I've made an attempt:

import numpy as np
from niapy.algorithms import Algorithm
from niapy.util.random import levy_flight
from niapy.task import Task


class SquirrelSearchAlgorithm(Algorithm):
    Name = ['SquirrelSearchAlgorithm', 'SSA']
    
    def __init__(self, population_size=50, food_sources=4, prob_predation=0.1, gliding_constant=1.9, scale=18, *args, **kwargs):
        super().__init__(population_size, *args, **kwargs)
        self.food_sources = food_sources
        self.prob_predation = prob_predation
        self.gliding_constant = gliding_constant
        self.scale = scale

    def set_parameters(self, population_size=50, food_sources=4, prob_predation=0.1, gliding_constant=1.9, scale=18, *args, **kwargs):
        super().set_parameters(population_size, *args, **kwargs)
        self.food_sources = food_sources
        self.prob_predation = prob_predation
        self.gliding_constant = gliding_constant
        self.scale = scale

    def get_parameters(self):
        params = super().get_parameters()
        params.update({
            'food_sources': self.food_sources,
            'prob_predation': self.prob_predation,
            'gliding_constant': self.gliding_constant,
            'scale': self.scale,
        })
        return params
    
    def gliding_distance(self):
        lift = 0.9783723933835806 / self.uniform(0.675, 1.5)
        drag = 1.630620655639301
        return 8.0 / (self.scale * drag / lift)
    
    def run_iteration(self, task, population, population_fitness, best_x, best_fitness, **params):
        indices = np.argsort(population_fitness)
        ht = indices[0]
        at = indices[1:self.food_sources]
        nt = indices[self.food_sources:]

        new_population = population.copy()

        for index in at:
            if self.random() >= self.prob_predation:
                new_population[index] += self.gliding_distance() * self.gliding_constant * (population[ht] - population[index])
                new_population[index] = task.repair(new_population[index], rng=self.rng)
            else:
                new_population[index] = self.uniform(task.lower, task.upper)
        
        nt = self.rng.permutation(nt)
        nt_1 = nt[:len(nt) // 2] # half go to acorn trees
        nt_2 = nt[len(nt) // 2:] # other half go to hickory trees
        
        for index in nt_1:
            if self.random() >= self.prob_predation:
                a = self.rng.choice(at)
                new_population[index] += self.gliding_distance() * self.gliding_constant * (population[a] - population[index])
                new_population[index] = task.repair(new_population[index], rng=self.rng)
            else:
                new_population[index] = self.uniform(task.lower, task.upper)

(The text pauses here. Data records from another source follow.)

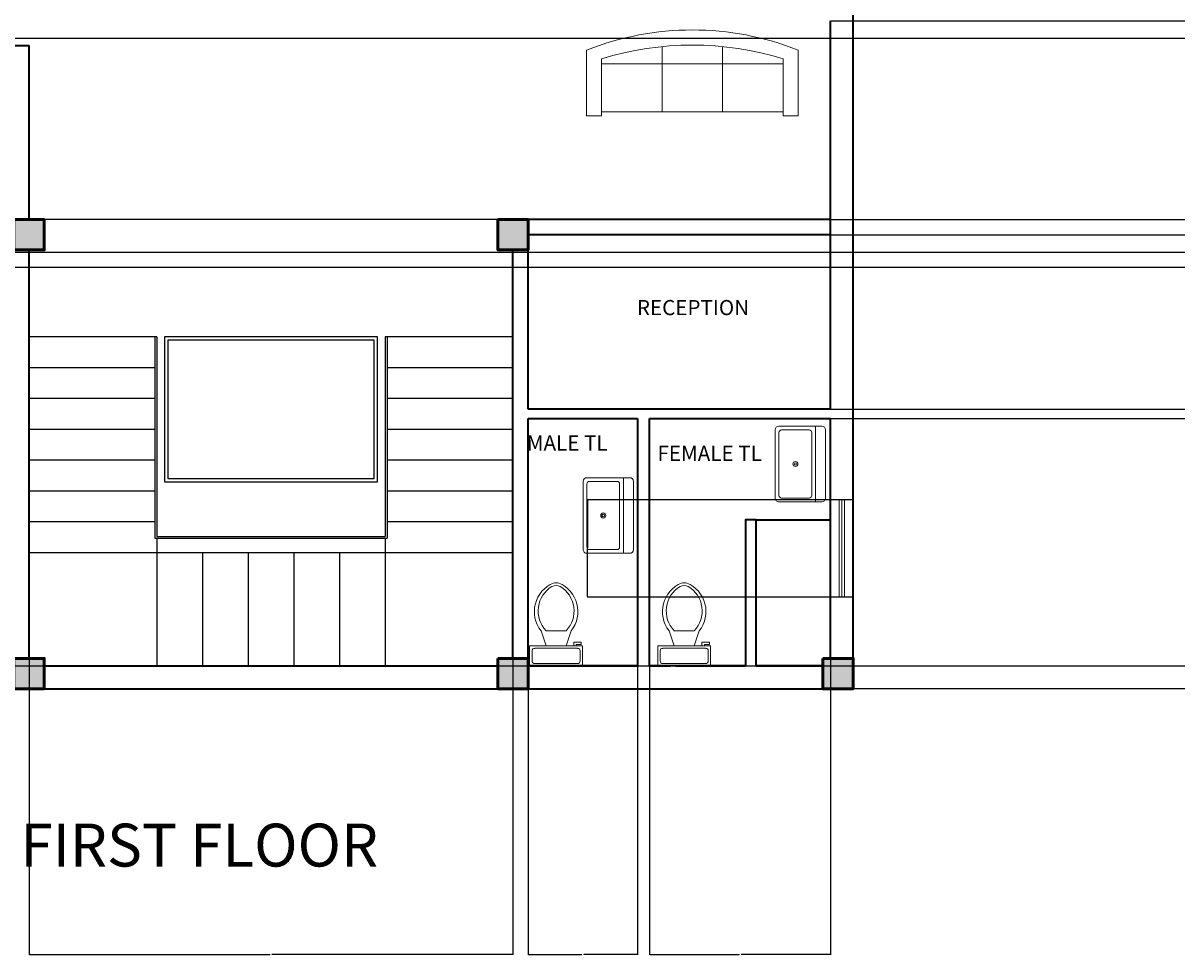
# Model space of a CAD drawing. Units: inches. Extents: x 369 to 4994, y 516 to 1297.
# Tile 5 of 9: x 1452 to 1910, y 516 to 886. Entities that reach past the tile are written whole.
import ezdxf

# ---------------------------------------------------------------- set-up
doc = ezdxf.new("R2010")
doc.units = ezdxf.units.IN
doc.header["$MEASUREMENT"] = 0
for name, color, linetype, lineweight in [('A-ANNO-DIMS', 2, 'Continuous', 18), ('A-ANNO-TEXT', 7, 'Continuous', 35), ('A-AREA-IDEN', 7, 'Continuous', 18), ('A-COLS', 7, 'Continuous', 50), ('A-FLOR-FIXT', 9, 'Continuous', 18), ('A-FLOR-STRS', 3, 'Continuous', 25), ('A-FURN', 8, 'Continuous', 18), ('A-GLAZ', 4, 'Continuous', 18), ('A-WALL', 7, 'Continuous', 35)]:
    doc.layers.add(name, color=color, linetype=linetype, lineweight=lineweight)
doc.layers.add('A-COLS-PATT', color=18, linetype='Continuous', lineweight=13, true_color=0x000000)
doc.styles.get("Standard").update_dxf_attribs({"font": 'arial.ttf'})
doc.dimstyles.get("Standard").update_dxf_attribs({"dimtxt": 0.18, "dimasz": 0.18, "dimexe": 0.18, "dimexo": 0.0625, "dimgap": 0.09, "dimtad": 0, "dimtih": 1, "dimtoh": 1, "dimdec": 4, "dimzin": 0, "dimdsep": 46, "dimtxsty": 'Standard', "dimcen": 0.09, "dimadec": 0, "dimazin": 0, "dimtfac": 1, "dimtdec": 4, "dimtofl": 0, "dimtmove": 0, "dimatfit": 3, "dimfxl": 1, "dimtolj": 1, "dimtzin": 0, "dimarcsym": 0})

# ---------------------------------------------------------------- blocks, each defined once
blk = doc.blocks.new('Sofa - Roundback 7 ft.')
for p, q in [((-12.00002, -32.4421), (-12.00003, -6.5971)), ((11.99997, -32.4421), (11.99998, -6.5971)), ((-36.000027, -34), (-36.000027, -11.4696)), ((-35.999844, -13.3819), (35.9998, -13.3819)), ((35.99998, -34), (35.99998, -11.4696)), ((-36.000027, -32.4421), (35.99998, -32.4421))]:
    blk.add_line(p, q)
for points in [[(-36.000027, -34), (-42.000027, -34), (-42.000027, -8)], [(41.99998, -8), (41.99998, -34), (35.99998, -34)]]:
    blk.add_lwpolyline(points)
for centre, radius, start, end in [((0, -114.25), 114.25, 68.43141, 111.5686), ((-0.00001, -127.1968), 121.1968, 72.72033, 107.2797)]:
    blk.add_arc(centre, radius, start, end)
blk = doc.blocks.new('Sink-single - 30 in top')
blk.add_line((-15, -3.999996), (15, -3.999996))
for points in [[(-13.5, 0), (13.5, 0)], [(-15, -18.499996), (-15, -1.5)], [(15, -1.5), (15, -18.499996)], [(-13.5, -17.499996), (-13.5, -6.499996)], [(-12.5, -5.499996), (12.5, -5.499996)], [(13.5, -6.499996), (13.5, -17.499996)], [(13.5, -19.999996), (-13.5, -19.999996)], [(12.5, -18.499996), (-12.5, -18.499996)]]:
    blk.add_lwpolyline(points)
for radius in [1, 0.5]:
    blk.add_circle((0, -11.999996), radius)
for centre, radius, start, end in [((-13.5, -1.5), 1.5, 90, 180), ((13.5, -1.5), 1.5, 0, 90), ((-12.5, -6.499996), 1, 90, 180), ((12.5, -6.499996), 1, 0, 90), ((-12.5, -17.499996), 1, 180, 270), ((12.5, -17.499996), 1, 270, 0), ((-13.5, -18.499996), 1.5, 180, 270), ((13.5, -18.499996), 1.5, 270, 0)]:
    blk.add_arc(centre, radius, start, end)
blk = doc.blocks.new('Toilet - top')
for p, q in [((9.5, -6), (9.5, -2)), ((-10, -8.5), (-8, -8.5)), ((-10, -9.5), (-10, -8.5)), ((-8, -8.5), (-8, -8)), ((-7, -8), (-7, -9.5)), ((-4, -8), (-6, -14)), ((4, -8), (6, -14)), ((-7, -9.5), (-10, -9.5)), ((4, -14), (-4, -14))]:
    blk.add_line(p, q)
blk.add_lwpolyline([(10.5, -8), (10.5, 0), (-10.5, 0), (-10.5, -8)], close=True)
for points in [[(-9.5, -2), (-9.5, -6)], [(8.5, -1), (-8.5, -1)], [(-8.5, -7), (8.5, -7)]]:
    blk.add_lwpolyline(points)
for centre, radius, start, end in [((-8.62, -1.88), 0.884, 81.8699, 188.1301), ((8.62, -1.88), 0.884, 351.8699, 98.1301), ((-8.62, -6.12), 0.884, 171.8699, 278.1301), ((8.62, -6.12), 0.884, 261.8699, 8.1301), ((3.52, -21.58), 12.17, 141.4691, 247.9714), ((4.2, -21.82), 11.33, 136.3677, 238.9468), ((-3.52, -21.58), 12.17, 292.0284, 38.5307), ((-4.2, -21.82), 11.33, 301.053, 43.6321), ((0, -27.88), 4, 245.7318, 294.2682), ((0, -29), 4, 254.8605, 285.1395)]:
    blk.add_arc(centre, radius, start, end)
blk = doc.blocks.new('STAIR-WELL-FRAME')
for p, q in [((0, 57.51), (0, 0)), ((84.51, 57.51), (0, 57.51)), ((83.15, 56.15), (1.36, 56.15)), ((1.36, 56.15), (1.36, 1.36)), ((83.15, 1.36), (83.15, 56.15)), ((84.51, 0), (84.51, 57.51)), ((84.51, 0), (84.51, 57.51)), ((1.36, 1.36), (83.15, 1.36)), ((0, 0), (84.51, 0))]:
    blk.add_line(p, q)
blk = doc.blocks.new('*D47')
at = {"layer": 'A-ANNO-DIMS', "color": 0, "lineweight": -2, "transparency": 16777216}
for p, q in [((1038.32, 879.79), (2671.51, 879.79)), ((2671.33, 879.61), (2671.33, 837.52)), ((2671.33, 795.07), (2671.33, 837.16)), ((1035.32, 794.89), (2671.51, 794.89))]:
    blk.add_line(p, q, dxfattribs=at)
at = {"layer": 'A-ANNO-DIMS', "color": 0, "transparency": 16777216}
for points in [[(2671.3, 879.61), (2671.36, 879.61), (2671.33, 879.79)], [(2671.3, 795.07), (2671.36, 795.07), (2671.33, 794.89)]]:
    blk.add_solid(points, dxfattribs=at)
at = {"layer": 'Defpoints', "color": 0, "transparency": 16777216}
for p in [(1038.26, 879.79), (2671.33, 879.79), (1035.26, 794.89)]:
    blk.add_point(p, dxfattribs=at)
at = {"layer": 'A-ANNO-DIMS', "color": 0, "transparency": 16777216, "insert": (2671.33, 837.34), "char_height": 0.18, "attachment_point": 5}
blk.add_mtext('\\A1;84.9', dxfattribs=at)
blk = doc.blocks.new('*D52')
at = {"layer": 'A-ANNO-DIMS', "color": 0, "lineweight": -2, "transparency": 16777216}
for p, q in [((942.32, 788.89), (2671.51, 788.89)), ((2671.33, 788.71), (2671.33, 710.02)), ((2671.33, 630.97), (2671.33, 709.66)), ((1035.32, 630.79), (2671.51, 630.79))]:
    blk.add_line(p, q, dxfattribs=at)
at = {"layer": 'A-ANNO-DIMS', "color": 0, "transparency": 16777216}
for points in [[(2671.3, 788.71), (2671.36, 788.71), (2671.33, 788.89)], [(2671.3, 630.97), (2671.36, 630.97), (2671.33, 630.79)]]:
    blk.add_solid(points, dxfattribs=at)
at = {"layer": 'Defpoints', "color": 0, "transparency": 16777216}
for p in [(942.26, 788.89), (2671.33, 788.89), (1035.26, 630.79)]:
    blk.add_point(p, dxfattribs=at)
at = {"layer": 'A-ANNO-DIMS', "color": 0, "transparency": 16777216, "insert": (2671.33, 709.84), "char_height": 0.18, "attachment_point": 5}
blk.add_mtext('\\A1;158.1', dxfattribs=at)
blk = doc.blocks.new('*D80')
at = {"layer": 'A-ANNO-DIMS', "color": 0, "lineweight": -2, "transparency": 16777216}
for p, q in [((1772.44, 886.6), (2671.51, 886.6)), ((2671.33, 886.42), (2671.33, 847.38)), ((2671.33, 807.97), (2671.33, 847.01)), ((1772.44, 807.79), (2671.51, 807.79))]:
    blk.add_line(p, q, dxfattribs=at)
at = {"layer": 'A-ANNO-DIMS', "color": 0, "transparency": 16777216}
for points in [[(2671.3, 886.42), (2671.36, 886.42), (2671.33, 886.6)], [(2671.3, 807.97), (2671.36, 807.97), (2671.33, 807.79)]]:
    blk.add_solid(points, dxfattribs=at)
at = {"layer": 'Defpoints', "color": 0, "transparency": 16777216}
for p in [(1772.37, 886.6), (2671.33, 886.6), (1772.37, 807.79)]:
    blk.add_point(p, dxfattribs=at)
at = {"layer": 'A-ANNO-DIMS', "color": 0, "transparency": 16777216, "insert": (2671.33, 847.19), "char_height": 0.18, "attachment_point": 5}
blk.add_mtext('\\A1;78.81', dxfattribs=at)
blk = doc.blocks.new('*D82')
at = {"layer": 'A-ANNO-DIMS', "color": 0, "lineweight": -2, "transparency": 16777216}
for p, q in [((1454.37, 761.23), (1454.37, 516.21)), ((1646.37, 761.23), (1646.37, 516.21)), ((1454.55, 516.39), (1550.09, 516.39)), ((1646.19, 516.39), (1550.65, 516.39))]:
    blk.add_line(p, q, dxfattribs=at)
at = {"layer": 'A-ANNO-DIMS', "color": 0, "transparency": 16777216}
for points in [[(1454.55, 516.42), (1454.55, 516.36), (1454.37, 516.39)], [(1646.19, 516.42), (1646.19, 516.36), (1646.37, 516.39)]]:
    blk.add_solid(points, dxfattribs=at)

        for index in nt_2:
            if self.random() >= self.prob_predation:
                new_population[index] += self.gliding_distance() * self.gliding_constant * (population[ht] - population[index])
                new_population[index] = task.repair(new_population[index], rng=self.rng)
            else:
                new_population[index] = self.uniform(task.lower, task.upper)

        s_min = 1e-5 / (365 ** ((task.iters + 1) / (task.max_iters / 2.5)))
        sc = np.sqrt(np.sum((new_population[at] - new_population[ht]) ** 2))

        if sc < s_min:
            new_population[nt_1] = task.lower + levy_flight(size=(len(nt_1), task.dimension), rng=self.rng) * task.range
            new_population[nt_1] = task.repair(new_population[nt_1], rng=self.rng)

        new_fitness = np.apply_along_axis(task.eval, 1, new_population)
        best_x, best_fitness = self.get_best(new_population, new_fitness, best_x, best_fitness)
        
        return new_population, new_fitness, best_x, best_fitness, {}


if __name__ == '__main__':
    fit = []
    for i in range(30):
        task = Task('sphere', dimension=30, lower=-10, upper=10, max_iters=500)
        algo = SquirrelSearchAlgorithm()
        _, best_fitness = algo.run(task)
        fit.append(best_fitness)
    
    print(f'Best: {np.min(fit)}')
    print(f'Worst: {np.max(fit)}')
    print(f'Mean: {np.mean(fit)}')
    print(f'Std: {np.std(fit)}')

But I don't get the same results as the ones in the article. For this example (30 runs, 30-D sphere on [-10, 10], max_iters=500) i get:

Best: 7.5371836448343156e-06
Worst: 8.828262744205666e-05
Mean: 4.013667587147927e-05
Std: 2.289286326787123e-05

and in the article they got:

Best: 7.9225e-20
Worst: 5.7411e-07
Mean: 4.1689E-08
Std: 1.4356E-07

The article is extremely unclear, in my opinion. At least it was to me. It doesn't say how to choose which squirrels on normal trees go towards acorn trees and which towards the hickory tree, it just says "do it randomly". I just chose half randomly. Also, I don't know if I'm calculating the season constant correctly, because the equation is formatted weirdly and there's no real explanation of it. And then if the seasons change, I don't know which squirrels to move via levy flights.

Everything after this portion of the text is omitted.